Vindo para casa, não mudou muito: ainda tentei que dormisses na tua alcofinha, ao meu lado, mas sem sucesso. Para minha alegria (confesso!), tinhas tanta necessidade do meu aconchego quanto eu do teu. Dormimos juntas (com o papá também!) e, mesmo que nas posições mais desconfortáveis, não queria que fosse de outra maneira.


Hoje, quatro meses depois, ainda dormes a maioria do tempo connosco. Já te ris, já começas a dar umas gargalhadas, já agarras a minha cara como se me quisesses devorar, já tentas falar e sentar-te (mas ainda falta um bocadinho). Fechas os olhos quando te beijo as bochechas e ficas à espera de mais carinhos. Olhas para mim como se eu fosse o teu mundo. Tu, para mim, és toda uma vida. Agarro-te, porque preciso sentir-te perto; beijo-te, trinco-te as pernocas (e as bochechas, as orelhas, os pés, as mãos, tudo!) e cheiro-te a cabecinha, porque todos os dias mudas mais um bocadinho e eu não quero que nenhum pedacinho teu me escape.

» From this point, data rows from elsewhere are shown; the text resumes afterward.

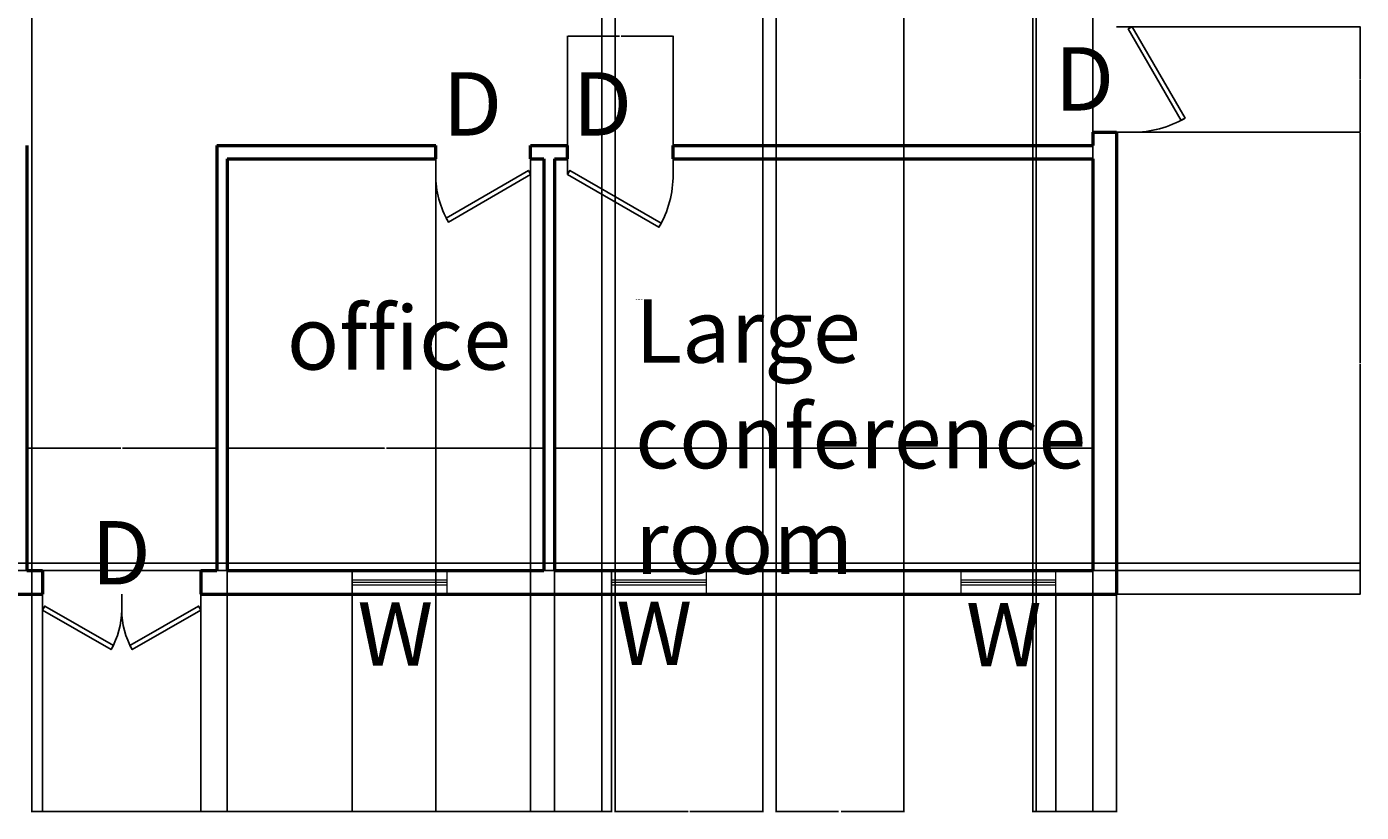
# Model space of a CAD drawing. Units: inches. Extents: x -84 to 931, y 65 to 668.
# Tile 3 of 5: x 426 to 931, y 65 to 363. Entities that reach past the tile are written whole.
import ezdxf

# ---------------------------------------------------------------- set-up
doc = ezdxf.new("R2010")
doc.units = ezdxf.units.IN
doc.header["$MEASUREMENT"] = 0
for name, color, linetype, lineweight in [('A-ANNO-DIMS', 2, 'Continuous', 18), ('A-ANNO-TEXT', 7, 'Continuous', 18), ('A-AREA-IDEN', 7, 'Continuous', 25), ('A-DOOR', 4, 'Continuous', 25), ('A-GLAZ', 4, 'Continuous', 18), ('A-WALL', 7, 'Continuous', 50)]:
    doc.layers.add(name, color=color, linetype=linetype, lineweight=lineweight)
doc.styles.get("Standard").update_dxf_attribs({"font": 'arial.ttf'})
doc.dimstyles.get("Standard").update_dxf_attribs({"dimtxt": 0.18, "dimasz": 0.18, "dimexe": 0.18, "dimexo": 0.0625, "dimgap": 0.09, "dimtad": 0, "dimtih": 1, "dimtoh": 1, "dimdec": 0, "dimzin": 0, "dimdsep": 46, "dimlunit": 3, "dimtxsty": 'Standard', "dimcen": 0.09, "dimadec": 0, "dimazin": 0, "dimtfac": 1, "dimtdec": 0, "dimtofl": 0, "dimtmove": 0, "dimatfit": 3, "dimfxl": 1, "dimtolj": 1, "dimtzin": 0, "dimarcsym": 0})

# ---------------------------------------------------------------- blocks, each defined once
blk = doc.blocks.new('*U7')
for p, q in [((0, 0), (0, 6)), ((40, 0), (40, 6))]:
    blk.add_line(p, q)
blk.add_lwpolyline([(0, 0), (34.64, -20), (35.52, -18.48), (0.88, 1.52)], close=True)
blk.add_arc((0, 0), 40, 330, 360)
blk = doc.blocks.new('*U8')
for p, q in [((-36, 0), (-36, 6)), ((0, 0), (0, 6))]:
    blk.add_line(p, q)
blk.add_lwpolyline([(0, 0), (-31.18, -18), (-32.05, -16.48), (-0.88, 1.52)], close=True)
blk.add_arc((0, 0), 36, 180, 210)
blk = doc.blocks.new('*U12')
for p, q in [((0, 0), (0, 6)), ((30, 0), (30, 6))]:
    blk.add_line(p, q)
blk.add_lwpolyline([(0, 0), (25.98, -15), (26.86, -13.48), (0.87, 1.52)], close=True)
blk.add_arc((0, 0), 30, 330, 0)
blk = doc.blocks.new('*U13')
for p, q in [((-40, 0), (-40, 6)), ((0, 0), (0, 6))]:
    blk.add_line(p, q)
blk.add_lwpolyline([(0, 0), (-34.64, -20), (-35.52, -18.48), (-0.87, 1.52)], close=True)
blk.add_arc((0, 0), 40, 180, 210)
blk = doc.blocks.new('WIN-36IN')
for p, q in [((3.5, 0), (3.5, 36)), ((4.5, 0), (4.5, 36)), ((5.5, 0), (5.5, 36))]:
    blk.add_line(p, q)
blk.add_lwpolyline([(0, 36), (0, 0), (9, 0), (9, 36)], close=True)
blk = doc.blocks.new('*D38')
at = {"layer": 'A-ANNO-DIMS', "color": 0, "lineweight": -2, "transparency": 16777216}
for p, q in [((427.53, 594.45), (427.53, 64.99)), ((643.53, 594.45), (643.53, 64.99)), ((427.71, 65.17), (535.14, 65.17)), ((643.35, 65.17), (535.92, 65.17))]:
    blk.add_line(p, q, dxfattribs=at)
at = {"layer": 'A-ANNO-DIMS', "color": 0, "transparency": 16777216}
for points in [[(427.71, 65.2), (427.71, 65.14), (427.53, 65.17)], [(643.35, 65.2), (643.35, 65.14), (643.53, 65.17)]]:
    blk.add_solid(points, dxfattribs=at)
at = {"layer": 'Defpoints', "color": 0, "transparency": 16777216}
for p in [(427.53, 594.52), (643.53, 594.52), (643.53, 65.17)]:
    blk.add_point(p, dxfattribs=at)
at = {"layer": 'A-ANNO-DIMS', "color": 0, "transparency": 16777216, "insert": (535.53, 65.17), "char_height": 0.18, "attachment_point": 5}
blk.add_mtext('\\A1;18\'-0"', dxfattribs=at)
blk = doc.blocks.new('*D39')
at = {"layer": 'A-ANNO-DIMS', "color": 0, "lineweight": -2, "transparency": 16777216}
for p, q in [((648.53, 594.45), (648.53, 64.99)), ((704.53, 594.45), (704.53, 64.99)), ((648.71, 65.17), (676.2, 65.17)), ((704.35, 65.17), (676.86, 65.17))]:
    blk.add_line(p, q, dxfattribs=at)
at = {"layer": 'A-ANNO-DIMS', "color": 0, "transparency": 16777216}
for points in [[(648.71, 65.2), (648.71, 65.14), (648.53, 65.17)], [(704.35, 65.2), (704.35, 65.14), (704.53, 65.17)]]:
    blk.add_solid(points, dxfattribs=at)
at = {"layer": 'Defpoints', "color": 0, "transparency": 16777216}
for p in [(648.53, 594.52), (704.53, 594.52), (704.53, 65.17)]:
    blk.add_point(p, dxfattribs=at)
at = {"layer": 'A-ANNO-DIMS', "color": 0, "transparency": 16777216, "insert": (676.53, 65.17), "char_height": 0.18, "attachment_point": 5}
blk.add_mtext('\\A1;4\'-8"', dxfattribs=at)
blk = doc.blocks.new('*D43')
at = {"layer": 'A-ANNO-DIMS', "color": 0, "lineweight": -2, "transparency": 16777216}
for p, q in [((425.53, 156.58), (425.53, 203.05)), ((425.71, 202.87), (461.2, 202.87)), ((497.35, 202.87), (461.86, 202.87)), ((497.53, 156.58), (497.53, 203.05))]:
    blk.add_line(p, q, dxfattribs=at)
at = {"layer": 'A-ANNO-DIMS', "color": 0, "transparency": 16777216}
for points in [[(425.71, 202.9), (425.71, 202.84), (425.53, 202.87)], [(497.35, 202.9), (497.35, 202.84), (497.53, 202.87)]]:
    blk.add_solid(points, dxfattribs=at)
at = {"layer": 'Defpoints', "color": 0, "transparency": 16777216}
for p in [(497.53, 202.87), (425.53, 156.52), (497.53, 156.52)]:
    blk.add_point(p, dxfattribs=at)
at = {"layer": 'A-ANNO-DIMS', "color": 0, "transparency": 16777216, "insert": (461.53, 202.87), "char_height": 0.18, "attachment_point": 5}
blk.add_mtext('\\A1;6\'-0"', dxfattribs=at)
blk = doc.blocks.new('*D44')
at = {"layer": 'A-ANNO-DIMS', "color": 0, "lineweight": -2, "transparency": 16777216}
for p, q in [((501.53, 156.58), (501.53, 203.05)), ((501.71, 202.87), (561.14, 202.87)), ((621.35, 202.87), (561.92, 202.87)), ((621.53, 156.58), (621.53, 203.05))]:
    blk.add_line(p, q, dxfattribs=at)
at = {"layer": 'A-ANNO-DIMS', "color": 0, "transparency": 16777216}
for points in [[(501.71, 202.9), (501.71, 202.84), (501.53, 202.87)], [(621.35, 202.9), (621.35, 202.84), (621.53, 202.87)]]:
    blk.add_solid(points, dxfattribs=at)
at = {"layer": 'Defpoints', "color": 0, "transparency": 16777216}
for p in [(621.53, 202.87), (501.53, 156.52), (621.53, 156.52)]:
    blk.add_point(p, dxfattribs=at)
at = {"layer": 'A-ANNO-DIMS', "color": 0, "transparency": 16777216, "insert": (561.53, 202.87), "char_height": 0.18, "attachment_point": 5}
blk.add_mtext('\\A1;10\'-0"', dxfattribs=at)
blk = doc.blocks.new('*D45')
at = {"layer": 'A-ANNO-DIMS', "color": 0, "lineweight": -2, "transparency": 16777216}
for p, q in [((625.53, 156.58), (625.53, 203.05)), ((625.71, 202.87), (727.14, 202.87)), ((829.35, 202.87), (727.92, 202.87)), ((829.53, 156.58), (829.53, 203.05))]:
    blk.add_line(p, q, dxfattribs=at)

Digo-te que te amo tantas, tantas vezes por dia, que espero que isso fique gravado no teu subconsciente, caso um dia não o possas ouvir. Dói-me fisicamente pensar neste tempo que passa a correr. Se eu pudesse, passava o dobro das noites sem dormir, o dobro dos dias em que não faço nada, o dobro de tudo, só para poder aproveitar mais um bocadinho de cada uma das tuas fases. Até a dormir és linda, meu amor, apesar de a mamã verificar que ainda estás a respirar mais vezes do que as que gosta de admitir.


Um dia vais crescer. Um dia, não vais olhar para mim como se eu fosse o teu mundo todo. Vais conhecer outros mundos, outras pessoas, outros olhares, e eu vou continuar aqui, a torcer por ti a cada passo que dás para mais longe de mim. E se esses mundos, essas pessoas ou esses olhares te traírem, debaixo do meu braço vai haver sempre espaço para te aconchegar até poderes voar novamente. Em mim, ficará sempre a esperança de que me leves no peito e que qualquer caminho te traga de volta para os meus braços, por um instante que seja.